5.2. The Influence of the User’s Social Information to Similar Users

First, we divide the 10001 users into groups, each group consisting of two users, and then we get 50005000 similarity computing groups. For each group of users, according to the calculation process described in this paper, age similarity, gender similarity, label similarity, following similarity, fan similarity, forwarding similarity, pointing similarity, comment similarity, rating similarity, and interest similarity are calculated, respectively, as shown in Figures 36.

As can be seen from the data in Figure 3, the ratio of male to female in the experimental data is close to 1:1, and the age difference is moderate, but the label has a large difference. From the data in Figure 4, the fan information is more difficult to reflect the similarity between users than the information of interest. As is shown in Figure 5, the similarity of forwarding behavior in user behavior accounts for a large proportion. As is shown in Figure 6, the rating information can also be regarded as a kind of user interest, but compared with the keywords extracted in the experimental data and the interest extracted from the classification, it does not reflect the similarity of interest between users. This is due to the large number of microblogs, and the related microblog content cannot be browsed by the user, resulting in the inability to obtain the rating. Therefore, analyzing user interests according to their keywords and their related classifications in a user’s limited page views can alleviate such problems.

According to the similarity information calculated above, we use the personal description information, relationship information, behavior information, and interest information to perform the selection calculation of similar users and then find the fusion parameters in each piece of information. The evaluation criteria of similar users are based on the user’s own followers. The description is as follows: select one user from the experimental users and calculate the similarity for the other users. The descending sequence of similarity values is taken as the user ’s similar user sequence. Use the user ’s own followers as the correct collection. The similar user sequence is valued from 5 to 40 according to Top-N, and combined with the user set, the map (Mean Average Precision) calculation is performed [16], and the formula is as follows:

In this formula, represents the number of experimental user sets; represents the number of elements included in the correct recommendation set of user when the recommendation number is N. represents the first N similar user sets. represents the ranking of the i-th correct content in the similar user sets.

Taking behavior information as an example, according to the fusion calculation methods, described in this paper that the coefficients of the three kinds of data included in the behavior information are valued in the range of 0.1 to 0.8, ensuring that each coefficient is greater than 0 and the sum of the three coefficients is 1. When Top-N takes 40, the average map value image of all experimental users is shown in Figure 7.

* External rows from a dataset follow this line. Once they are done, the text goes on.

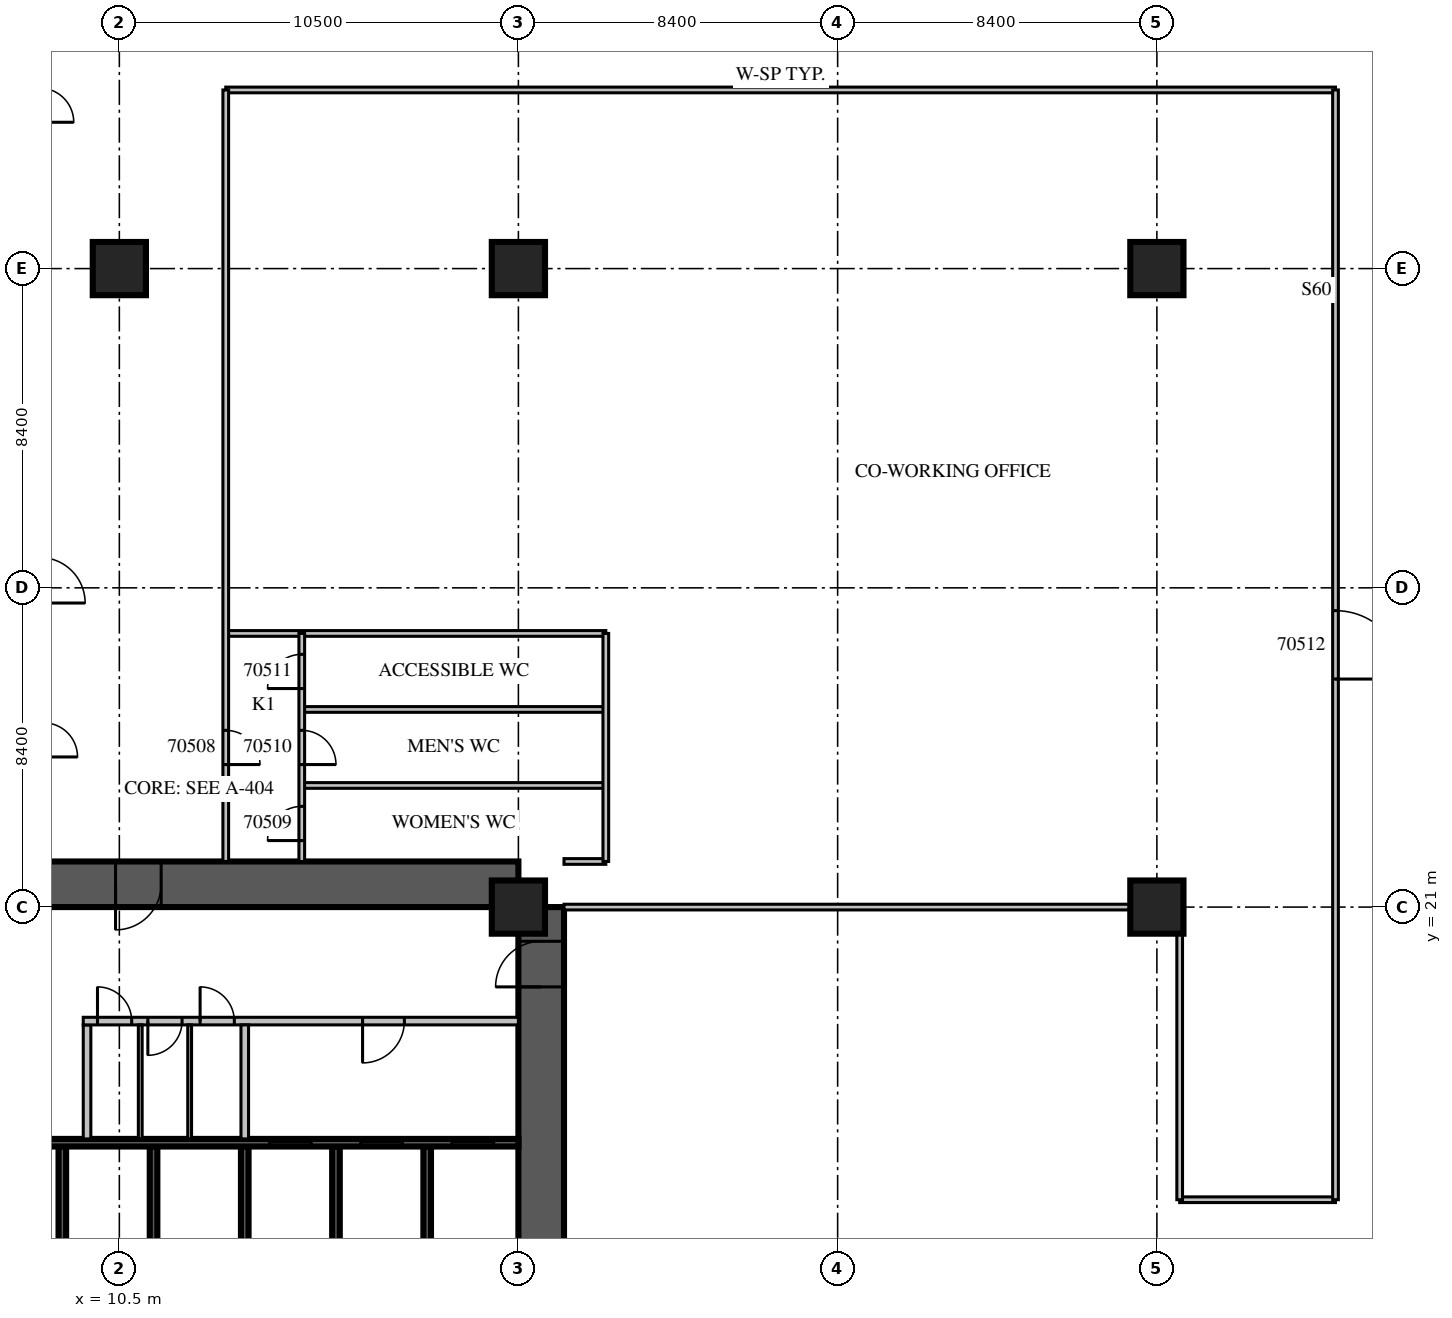
"""IFC4 building model, lengths in metres.
Left out: names, types, materials, properties, quantities, classifications, styles, units other than length and angle.
Written with IfcOpenShell. Run it as: python <this file> out.ifc"""

import sys

from ifc_helpers import new_model, si_unit, direction, frame, frame_2d, origin, origin_2d, place, context, subcontext, project, spatial, rectangle, extrude, source, transform, mapped, element, fill, save


model = new_model("IFC4")
c1 = context("Model", 3, precision=1e-05, world=origin(), true_north=direction((0.0, 1.0)))
c2 = subcontext(c1, "Body", "Model", "MODEL_VIEW")
j1 = project(units=[si_unit("LENGTHUNIT", "METRE"), si_unit("PLANEANGLEUNIT", "RADIAN")], contexts=[c1])
p1 = place(None, origin())
s1 = spatial("IfcSite", under=j1, at=p1, CompositionType="ELEMENT")
p2 = place(p1, origin())
s2 = spatial("IfcBuilding", under=s1, at=p2, CompositionType="ELEMENT")
p3 = place(p2, frame((0.0, 0.0, 12.9)))
s3 = spatial("IfcBuildingStorey", under=s2, at=p3, CompositionType="ELEMENT", Elevation=12.9)
m1 = source(origin(), c2, "Body", "SweptSolid", [
    extrude(rectangle(XDim=1.4, YDim=1.4, at=origin_2d()), origin(), (0.0, 0.0, 1.0), 5.4),
])
for number, where, z_axis, x_axis in (
    (1, (10.5, 37.8, 0.0), (0.0, 0.0, 1.0), (1.0, 0.0, 0.0)),
    (2, (21.0, 21.0, 0.0), (0.0, 0.0, 1.0), (1.0, 0.0, 0.0)),
    (3, (21.0, 37.8, 0.0), (0.0, 0.0, 1.0), (1.0, 0.0, 0.0)),
    (4, (37.8, 21.0, 0.0), (0.0, 0.0, 1.0), (1.0, 0.0, 0.0)),
    (5, (37.8, 37.8, 0.0), (0.0, 0.0, 1.0), (1.0, 0.0, 0.0)),
):
    element("IfcColumn", number, at=place(p3, frame(where, z_axis=z_axis, x_axis=x_axis)), inside=s3, PredefinedType="COLUMN", context=c2, shape_type="MappedRepresentation", body=[
        mapped(m1, transform((0.0, 0.0, 0.0), scale=1.0)),
    ])
m2 = source(origin(), c2, "Body", "SweptSolid", [
    extrude(rectangle(XDim=16.8, YDim=1.2, at=frame_2d((8.4, 0.0))), origin(), (0.0, 0.0, 1.0), 5.4),
])
p4 = place(p3, frame((21.6, 4.2, 0.0), z_axis=(0.0, 0.0, 1.0), x_axis=(0.0, 1.0, 0.0)))
e6 = element("IfcWall", 6, at=p4, inside=s3, PredefinedType="SHEAR", context=c2, shape_type="MappedRepresentation", body=[
    mapped(m2, transform((0.0, 0.0, 0.0), scale=1.0)),
])
m3 = source(origin(), c2, "Body", "SweptSolid", [
    extrude(rectangle(XDim=2.2, YDim=2.1, at=frame_2d((1.1, 1.05))), frame((0.0, 0.61, 0.0), z_axis=(0.0, -1.0, 0.0), x_axis=(1.0, 0.0, 0.0)), (0.0, 0.0, 1.0), 1.22),
])
p5 = place(p4, frame((4.2, 0.0, 0.0)))
e7 = element("IfcOpeningElement", 7, at=p5, cuts=e6, PredefinedType="OPENING", context=c2, shape_type="MappedRepresentation", body=[
    mapped(m3, transform((0.0, 0.0, 0.0), scale=1.0)),
])
m4 = source(origin(), c2, "Body", "SweptSolid", [
    extrude(rectangle(XDim=1.2, YDim=2.1, at=frame_2d((0.6, 1.05))), frame((0.0, 0.61, 0.0), z_axis=(0.0, -1.0, 0.0), x_axis=(1.0, 0.0, 0.0)), (0.0, 0.0, 1.0), 1.22),
])
p6 = place(p4, frame((14.7, 0.0, 0.0)))
e8 = element("IfcOpeningElement", 8, at=p6, cuts=e6, PredefinedType="OPENING", context=c2, shape_type="MappedRepresentation", body=[
    mapped(m4, transform((0.0, 0.0, 0.0), scale=1.0)),
])
p7 = place(p3, frame((4.2, 21.6, 0.0), z_axis=(0.0, 0.0, 1.0), x_axis=(1.0, 0.0, 0.0)))
e9 = element("IfcWall", 9, at=p7, inside=s3, PredefinedType="SHEAR", context=c2, shape_type="MappedRepresentation", body=[
    mapped(m2, transform((0.0, 0.0, 0.0), scale=1.0)),
])
p8 = place(p7, frame((6.2, 0.0, 0.0)))
e10 = element("IfcOpeningElement", 10, at=p8, cuts=e9, PredefinedType="OPENING", context=c2, shape_type="MappedRepresentation", body=[
    mapped(m4, transform((0.0, 0.0, 0.0), scale=1.0)),
])
m5 = source(origin(), c2, "Body", "SweptSolid", [
    extrude(rectangle(XDim=3.0, YDim=0.2, at=frame_2d((1.5, 0.0))), origin(), (0.0, 0.0, 1.0), 5.4),
])
for number, where, z_axis, x_axis in (
    (11, (9.0, 11.7, 0.0), (0.0, 0.0, 1.0), (0.0, 1.0, 0.0)),
    (12, (11.4, 11.7, 0.0), (0.0, 0.0, 1.0), (0.0, 1.0, 0.0)),
    (13, (13.8, 11.7, 0.0), (0.0, 0.0, 1.0), (0.0, 1.0, 0.0)),
    (14, (16.2, 11.7, 0.0), (0.0, 0.0, 1.0), (0.0, 1.0, 0.0)),
    (15, (18.6, 11.7, 0.0), (0.0, 0.0, 1.0), (0.0, 1.0, 0.0)),
):
    element("IfcWall", number, at=place(p3, frame(where, z_axis=z_axis, x_axis=x_axis)), inside=s3, PredefinedType="SOLIDWALL", context=c2, shape_type="MappedRepresentation", body=[
        mapped(m5, transform((0.0, 0.0, 0.0), scale=1.0)),
    ])
m6 = source(origin(), c2, "Body", "SweptSolid", [
    extrude(rectangle(XDim=16.8, YDim=0.2, at=frame_2d((8.4, 0.0))), origin(), (0.0, 0.0, 1.0), 5.4),
])
p9 = place(p3, frame((4.2, 14.8, 0.0), z_axis=(0.0, 0.0, 1.0), x_axis=(1.0, 0.0, 0.0)))
e16 = element("IfcWall", 16, at=p9, inside=s3, PredefinedType="SOLIDWALL", context=c2, shape_type="MappedRepresentation", body=[
    mapped(m6, transform((0.0, 0.0, 0.0), scale=1.0)),
])
m7 = source(origin(), c2, "Body", "SweptSolid", [
    extrude(rectangle(XDim=1.1, YDim=2.1, at=frame_2d((0.55, 1.05))), frame((0.0, 0.11, 0.0), z_axis=(0.0, -1.0, 0.0), x_axis=(1.0, 0.0, 0.0)), (0.0, 0.0, 1.0), 0.22),
])
p10 = place(p9, frame((10.25, 0.0, 0.0)))
e17 = element("IfcOpeningElement", 17, at=p10, cuts=e16, PredefinedType="OPENING", context=c2, shape_type="MappedRepresentation", body=[
    mapped(m7, transform((0.0, 0.0, 0.0), scale=1.0)),
])
p11 = place(p9, frame((12.65, 0.0, 0.0)))
e18 = element("IfcOpeningElement", 18, at=p11, cuts=e16, PredefinedType="OPENING", context=c2, shape_type="MappedRepresentation", body=[
    mapped(m7, transform((0.0, 0.0, 0.0), scale=1.0)),
])
p12 = place(p9, frame((15.05, 0.0, 0.0)))
e19 = element("IfcOpeningElement", 19, at=p12, cuts=e16, PredefinedType="OPENING", context=c2, shape_type="MappedRepresentation", body=[
    mapped(m7, transform((0.0, 0.0, 0.0), scale=1.0)),
])
m8 = source(origin(), c2, "Body", "SweptSolid", [
    extrude(rectangle(XDim=3.0, YDim=0.2, at=frame_2d((1.5, 0.0))), origin(), (0.0, 0.0, 1.0), 4.8),
])
p13 = place(p3, frame((9.65, 14.9, 0.0), z_axis=(0.0, 0.0, 1.0), x_axis=(0.0, 1.0, 0.0)))
e20 = element("IfcWall", 20, at=p13, inside=s3, PredefinedType="PARTITIONING", context=c2, shape_type="MappedRepresentation", body=[
    mapped(m8, transform((0.0, 0.0, 0.0), scale=1.0)),
])
m9 = source(origin(), c2, "Body", "SweptSolid", [
    extrude(rectangle(XDim=11.45, YDim=0.2, at=frame_2d((5.725, 0.0))), origin(), (0.0, 0.0, 1.0), 4.8),
])
p14 = place(p3, frame((9.55, 18.0, 0.0), z_axis=(0.0, 0.0, 1.0), x_axis=(1.0, 0.0, 0.0)))
e21 = element("IfcWall", 21, at=p14, inside=s3, PredefinedType="PARTITIONING", context=c2, shape_type="MappedRepresentation", body=[
    mapped(m9, transform((0.0, 0.0, 0.0), scale=1.0)),
])
m10 = source(origin(), c2, "Body", "SweptSolid", [
    extrude(rectangle(XDim=0.9, YDim=2.1, at=frame_2d((0.45, 1.05))), frame((0.0, 0.11, 0.0), z_axis=(0.0, -1.0, 0.0), x_axis=(1.0, 0.0, 0.0)), (0.0, 0.0, 1.0), 0.22),
])
p15 = place(p14, frame((0.375, 0.0, 0.0)))
e22 = element("IfcOpeningElement", 22, at=p15, cuts=e21, PredefinedType="OPENING", context=c2, shape_type="MappedRepresentation", body=[
    mapped(m10, transform((0.0, 0.0, 0.0), scale=1.0)),
])
p16 = place(p14, frame((1.7, 0.0, 0.0)))
e23 = element("IfcOpeningElement", 23, at=p16, cuts=e21, PredefinedType="OPENING", context=c2, shape_type="MappedRepresentation", body=[
    mapped(m10, transform((0.0, 0.0, 0.0), scale=1.0)),
])
p17 = place(p14, frame((3.075, 0.0, 0.0)))
e24 = element("IfcOpeningElement", 24, at=p17, cuts=e21, PredefinedType="OPENING", context=c2, shape_type="MappedRepresentation", body=[
    mapped(m10, transform((0.0, 0.0, 0.0), scale=1.0)),
])
p18 = place(p14, frame((7.35, 0.0, 0.0)))
e25 = element("IfcOpeningElement", 25, at=p18, cuts=e21, PredefinedType="OPENING", context=c2, shape_type="MappedRepresentation", body=[
    mapped(m7, transform((0.0, 0.0, 0.0), scale=1.0)),
])
p19 = place(p3, frame((13.8, 14.9, 0.0), z_axis=(0.0, 0.0, 1.0), x_axis=(0.0, 1.0, 0.0)))
e26 = element("IfcWall", 26, at=p19, inside=s3, PredefinedType="PARTITIONING", context=c2, shape_type="MappedRepresentation", body=[
    mapped(m8, transform((0.0, 0.0, 0.0), scale=1.0)),
])
m11 = source(origin(), c2, "Body", "SweptSolid", [
    extrude(rectangle(XDim=3.0, YDim=0.1, at=frame_2d((1.5, 0.0))), origin(), (0.0, 0.0, 1.0), 4.8),
])
for number, where, z_axis, x_axis in (
    (27, (11.05, 14.9, 0.0), (0.0, 0.0, 1.0), (0.0, 1.0, 0.0)),
    (28, (12.35, 14.9, 0.0), (0.0, 0.0, 1.0), (0.0, 1.0, 0.0)),
):
    element("IfcWall", number, at=place(p3, frame(where, z_axis=z_axis, x_axis=x_axis)), inside=s3, PredefinedType="PARTITIONING", context=c2, shape_type="MappedRepresentation", body=[
        mapped(m11, transform((0.0, 0.0, 0.0), scale=1.0)),
    ])
m12 = source(origin(), c2, "Body", "SweptSolid", [
    extrude(rectangle(XDim=4.1, YDim=0.15, at=frame_2d((2.05, 0.0))), origin(), (0.0, 0.0, 1.0), 4.8),
])
p20 = place(p3, frame((38.4, 13.3, 0.0), z_axis=(0.0, 0.0, 1.0), x_axis=(1.0, 0.0, 0.0)))
e29 = element("IfcWall", 29, at=p20, inside=s3, PredefinedType="PARTITIONING", context=c2, shape_type="MappedRepresentation", body=[
    mapped(m12, transform((0.0, 0.0, 0.0), scale=1.0)),
])
m13 = source(origin(), c2, "Body", "SweptSolid", [
    extrude(rectangle(XDim=16.2, YDim=0.15, at=frame_2d((8.1, 0.0))), origin(), (0.0, 0.0, 1.0), 4.8),
])
p21 = place(p3, frame((22.2, 21.0, 0.0), z_axis=(0.0, 0.0, 1.0), x_axis=(1.0, 0.0, 0.0)))
e30 = element("IfcWall", 30, at=p21, inside=s3, PredefinedType="PARTITIONING", context=c2, shape_type="MappedRepresentation", body=[
    mapped(m13, transform((0.0, 0.0, 0.0), scale=1.0)),
])
m14 = source(origin(), c2, "Body", "SweptSolid", [
    extrude(rectangle(XDim=1.1, YDim=0.15, at=frame_2d((0.55, 0.0))), origin(), (0.0, 0.0, 1.0), 4.8),
])
p22 = place(p3, frame((22.2, 22.2, 0.0), z_axis=(0.0, 0.0, 1.0), x_axis=(1.0, 0.0, 0.0)))
e31 = element("IfcWall", 31, at=p22, inside=s3, PredefinedType="PARTITIONING", context=c2, shape_type="MappedRepresentation", body=[
    mapped(m14, transform((0.0, 0.0, 0.0), scale=1.0)),
])
m15 = source(origin(), c2, "Body", "SweptSolid", [
    extrude(rectangle(XDim=8.0, YDim=0.15, at=frame_2d((4.0, 0.0))), origin(), (0.0, 0.0, 1.0), 4.8),
])
for number, where, z_axis, x_axis in (
    (32, (15.3, 24.2, 0.0), (0.0, 0.0, 1.0), (1.0, 0.0, 0.0)),
    (33, (15.3, 26.2, 0.0), (0.0, 0.0, 1.0), (1.0, 0.0, 0.0)),
):
    element("IfcWall", number, at=place(p3, frame(where, z_axis=z_axis, x_axis=x_axis)), inside=s3, PredefinedType="PARTITIONING", context=c2, shape_type="MappedRepresentation", body=[
        mapped(m15, transform((0.0, 0.0, 0.0), scale=1.0)),
    ])
m16 = source(origin(), c2, "Body", "SweptSolid", [
    extrude(rectangle(XDim=10.0, YDim=0.15, at=frame_2d((5.0, 0.0))), origin(), (0.0, 0.0, 1.0), 4.8),
])
p23 = place(p3, frame((13.3, 28.2, 0.0), z_axis=(0.0, 0.0, 1.0), x_axis=(1.0, 0.0, 0.0)))
e34 = element("IfcWall", 34, at=p23, inside=s3, PredefinedType="PARTITIONING", context=c2, shape_type="MappedRepresentation", body=[
    mapped(m16, transform((0.0, 0.0, 0.0), scale=1.0)),
])
m17 = source(origin(), c2, "Body", "SweptSolid", [
    extrude(rectangle(XDim=29.2, YDim=0.15, at=frame_2d((14.6, 0.0))), origin(), (0.0, 0.0, 1.0), 4.8),
])
p24 = place(p3, frame((13.3, 42.5, 0.0), z_axis=(0.0, 0.0, 1.0), x_axis=(1.0, 0.0, 0.0)))
e35 = element("IfcWall", 35, at=p24, inside=s3, PredefinedType="PARTITIONING", context=c2, shape_type="MappedRepresentation", body=[
    mapped(m17, transform((0.0, 0.0, 0.0), scale=1.0)),
])
m18 = source(origin(), c2, "Body", "SweptSolid", [
    extrude(rectangle(XDim=20.3, YDim=0.15, at=frame_2d((10.15, 0.0))), origin(), (0.0, 0.0, 1.0), 4.8),
])
p25 = place(p3, frame((13.3, 22.2, 0.0), z_axis=(0.0, 0.0, 1.0), x_axis=(0.0, 1.0, 0.0)))
e36 = element("IfcWall", 36, at=p25, inside=s3, PredefinedType="PARTITIONING", context=c2, shape_type="MappedRepresentation", body=[
    mapped(m18, transform((0.0, 0.0, 0.0), scale=1.0)),
])
m19 = source(origin(), c2, "Body", "SweptSolid", [
    extrude(rectangle(XDim=0.9, YDim=2.1, at=frame_2d((0.45, 1.05))), frame((0.0, 0.085, 0.0), z_axis=(0.0, -1.0, 0.0), x_axis=(1.0, 0.0, 0.0)), (0.0, 0.0, 1.0), 0.17),
])
p26 = place(p25, frame((2.55, 0.0, 0.0)))
e37 = element("IfcOpeningElement", 37, at=p26, cuts=e36, PredefinedType="OPENING", context=c2, shape_type="MappedRepresentation", body=[
    mapped(m19, transform((0.0, 0.0, 0.0), scale=1.0)),
])
m20 = source(origin(), c2, "Body", "SweptSolid", [
    extrude(rectangle(XDim=6.0, YDim=0.15, at=frame_2d((3.0, 0.0))), origin(), (0.0, 0.0, 1.0), 4.8),
])
p27 = place(p3, frame((15.3, 22.2, 0.0), z_axis=(0.0, 0.0, 1.0), x_axis=(0.0, 1.0, 0.0)))
e38 = element("IfcWall", 38, at=p27, inside=s3, PredefinedType="PARTITIONING", context=c2, shape_type="MappedRepresentation", body=[
    mapped(m20, transform((0.0, 0.0, 0.0), scale=1.0)),
])
p28 = place(p27, frame((0.55, 0.0, 0.0)))
e39 = element("IfcOpeningElement", 39, at=p28, cuts=e38, PredefinedType="OPENING", context=c2, shape_type="MappedRepresentation", body=[
    mapped(m19, transform((0.0, 0.0, 0.0), scale=1.0)),
])
p29 = place(p27, frame((2.55, 0.0, 0.0)))
e40 = element("IfcOpeningElement", 40, at=p29, cuts=e38, PredefinedType="OPENING", context=c2, shape_type="MappedRepresentation", body=[
    mapped(m19, transform((0.0, 0.0, 0.0), scale=1.0)),
])
p30 = place(p27, frame((4.55, 0.0, 0.0)))
e41 = element("IfcOpeningElement", 41, at=p30, cuts=e38, PredefinedType="OPENING", context=c2, shape_type="MappedRepresentation", body=[
    mapped(m19, transform((0.0, 0.0, 0.0), scale=1.0)),
])
p31 = place(p3, frame((23.3, 22.2, 0.0), z_axis=(0.0, 0.0, 1.0), x_axis=(0.0, 1.0, 0.0)))
e42 = element("IfcWall", 42, at=p31, inside=s3, PredefinedType="PARTITIONING", context=c2, shape_type="MappedRepresentation", body=[
    mapped(m20, transform((0.0, 0.0, 0.0), scale=1.0)),
])
m21 = source(origin(), c2, "Body", "SweptSolid", [
    extrude(rectangle(XDim=7.7, YDim=0.15, at=frame_2d((3.85, 0.0))), origin(), (0.0, 0.0, 1.0), 4.8),
])
p32 = place(p3, frame((38.4, 13.3, 0.0), z_axis=(0.0, 0.0, 1.0), x_axis=(0.0, 1.0, 0.0)))
e43 = element("IfcWall", 43, at=p32, inside=s3, PredefinedType="PARTITIONING", context=c2, shape_type="MappedRepresentation", body=[
    mapped(m21, transform((0.0, 0.0, 0.0), scale=1.0)),
])
p33 = place(p3, frame((42.5, 13.3, 0.0), z_axis=(0.0, 0.0, 1.0), x_axis=(0.0, 1.0, 0.0)))
e44 = element("IfcWall", 44, at=p33, inside=s3, PredefinedType="PARTITIONING", context=c2, shape_type="MappedRepresentation", body=[
    mapped(m17, transform((0.0, 0.0, 0.0), scale=1.0)),
])
m22 = source(origin(), c2, "Body", "SweptSolid", [
    extrude(rectangle(XDim=1.8, YDim=2.1, at=frame_2d((0.9, 1.05))), frame((0.0, 0.085, 0.0), z_axis=(0.0, -1.0, 0.0), x_axis=(1.0, 0.0, 0.0)), (0.0, 0.0, 1.0), 0.17),
])
p34 = place(p33, frame((13.7, 0.0, 0.0)))
e45 = element("IfcOpeningElement", 45, at=p34, cuts=e44, PredefinedType="OPENING", context=c2, shape_type="MappedRepresentation", body=[
    mapped(m22, transform((0.0, 0.0, 0.0), scale=1.0)),
])
m23 = source(origin(), c2, "Body", "SweptSolid", [
    extrude(rectangle(XDim=1.1, YDim=2.1, at=frame_2d((0.55, 1.05))), frame((0.0, 0.025, 0.0), z_axis=(0.0, -1.0, 0.0), x_axis=(1.0, 0.0, 0.0)), (0.0, 0.0, 1.0), 0.05),
])
p35 = place(p10, origin())
e46 = element("IfcDoor", 46, at=p35, inside=s3, OperationType="SLIDING_TO_LEFT", PredefinedType="DOOR", context=c2, shape_type="MappedRepresentation", body=[
    mapped(m23, transform((0.0, 0.0, 0.0), scale=1.0)),
])
fill(e17, e46)
p36 = place(p11, origin())
e47 = element("IfcDoor", 47, at=p36, inside=s3, OperationType="SLIDING_TO_LEFT", PredefinedType="DOOR", context=c2, shape_type="MappedRepresentation", body=[
    mapped(m23, transform((0.0, 0.0, 0.0), scale=1.0)),
])
fill(e18, e47)
p37 = place(p12, origin())
e48 = element("IfcDoor", 48, at=p37, inside=s3, OperationType="SLIDING_TO_LEFT", PredefinedType="DOOR", context=c2, shape_type="MappedRepresentation", body=[
    mapped(m23, transform((0.0, 0.0, 0.0), scale=1.0)),
])
fill(e19, e48)
m24 = source(origin(), c2, "Body", "SweptSolid", [
    extrude(rectangle(XDim=0.9, YDim=2.1, at=frame_2d((0.45, 1.05))), frame((0.0, 0.025, 0.0), z_axis=(0.0, -1.0, 0.0), x_axis=(1.0, 0.0, 0.0)), (0.0, 0.0, 1.0), 0.05),
])
p38 = place(p15, origin())
e49 = element("IfcDoor", 49, at=p38, inside=s3, OperationType="SINGLE_SWING_LEFT", PredefinedType="DOOR", context=c2, shape_type="MappedRepresentation", body=[
    mapped(m24, transform((0.0, 0.0, 0.0), scale=1.0)),
])
fill(e22, e49)
p39 = place(p16, origin())
e50 = element("IfcDoor", 50, at=p39, inside=s3, OperationType="SINGLE_SWING_RIGHT", PredefinedType="DOOR", context=c2, shape_type="MappedRepresentation", body=[
    mapped(m24, transform((0.0, 0.0, 0.0), scale=1.0)),
])
fill(e23, e50)
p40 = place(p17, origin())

The horizontal axis represents the coefficient. From top to bottom, they are the coefficient of point information, forwarding information, and comment information. As shown in the graph, finding similar users based on behavior information is mainly affected by the similarity of the forwarding information. Each peak is generated when the forwarding information coefficient has a larger value, and each trough is generated when the forwarding information coefficient is the smallest.

We will get the maximum value of the map when the value on X-axis is “253”. So the formula of convergence computation is expressed as

In the same way, we give the weight of personal description information and relationship information, as shown in Table 3.

Next, we conduct experiments to find similar users according to the combined personal description information, relationship information, behavior information, and interest information and rating information. In the experiment, the Top-N values were taken from 5 to 40, and the average map value of the experimental users is shown in Figure 8.

As can be seen from the figure, with the growth of Top-N, it is better to calculate similar users according to social information than other methods. However, the map value calculated based on the rating information is low, and it is not suitable to find similar users based only on the content. The behavior information is better when the value of Top-N is lower.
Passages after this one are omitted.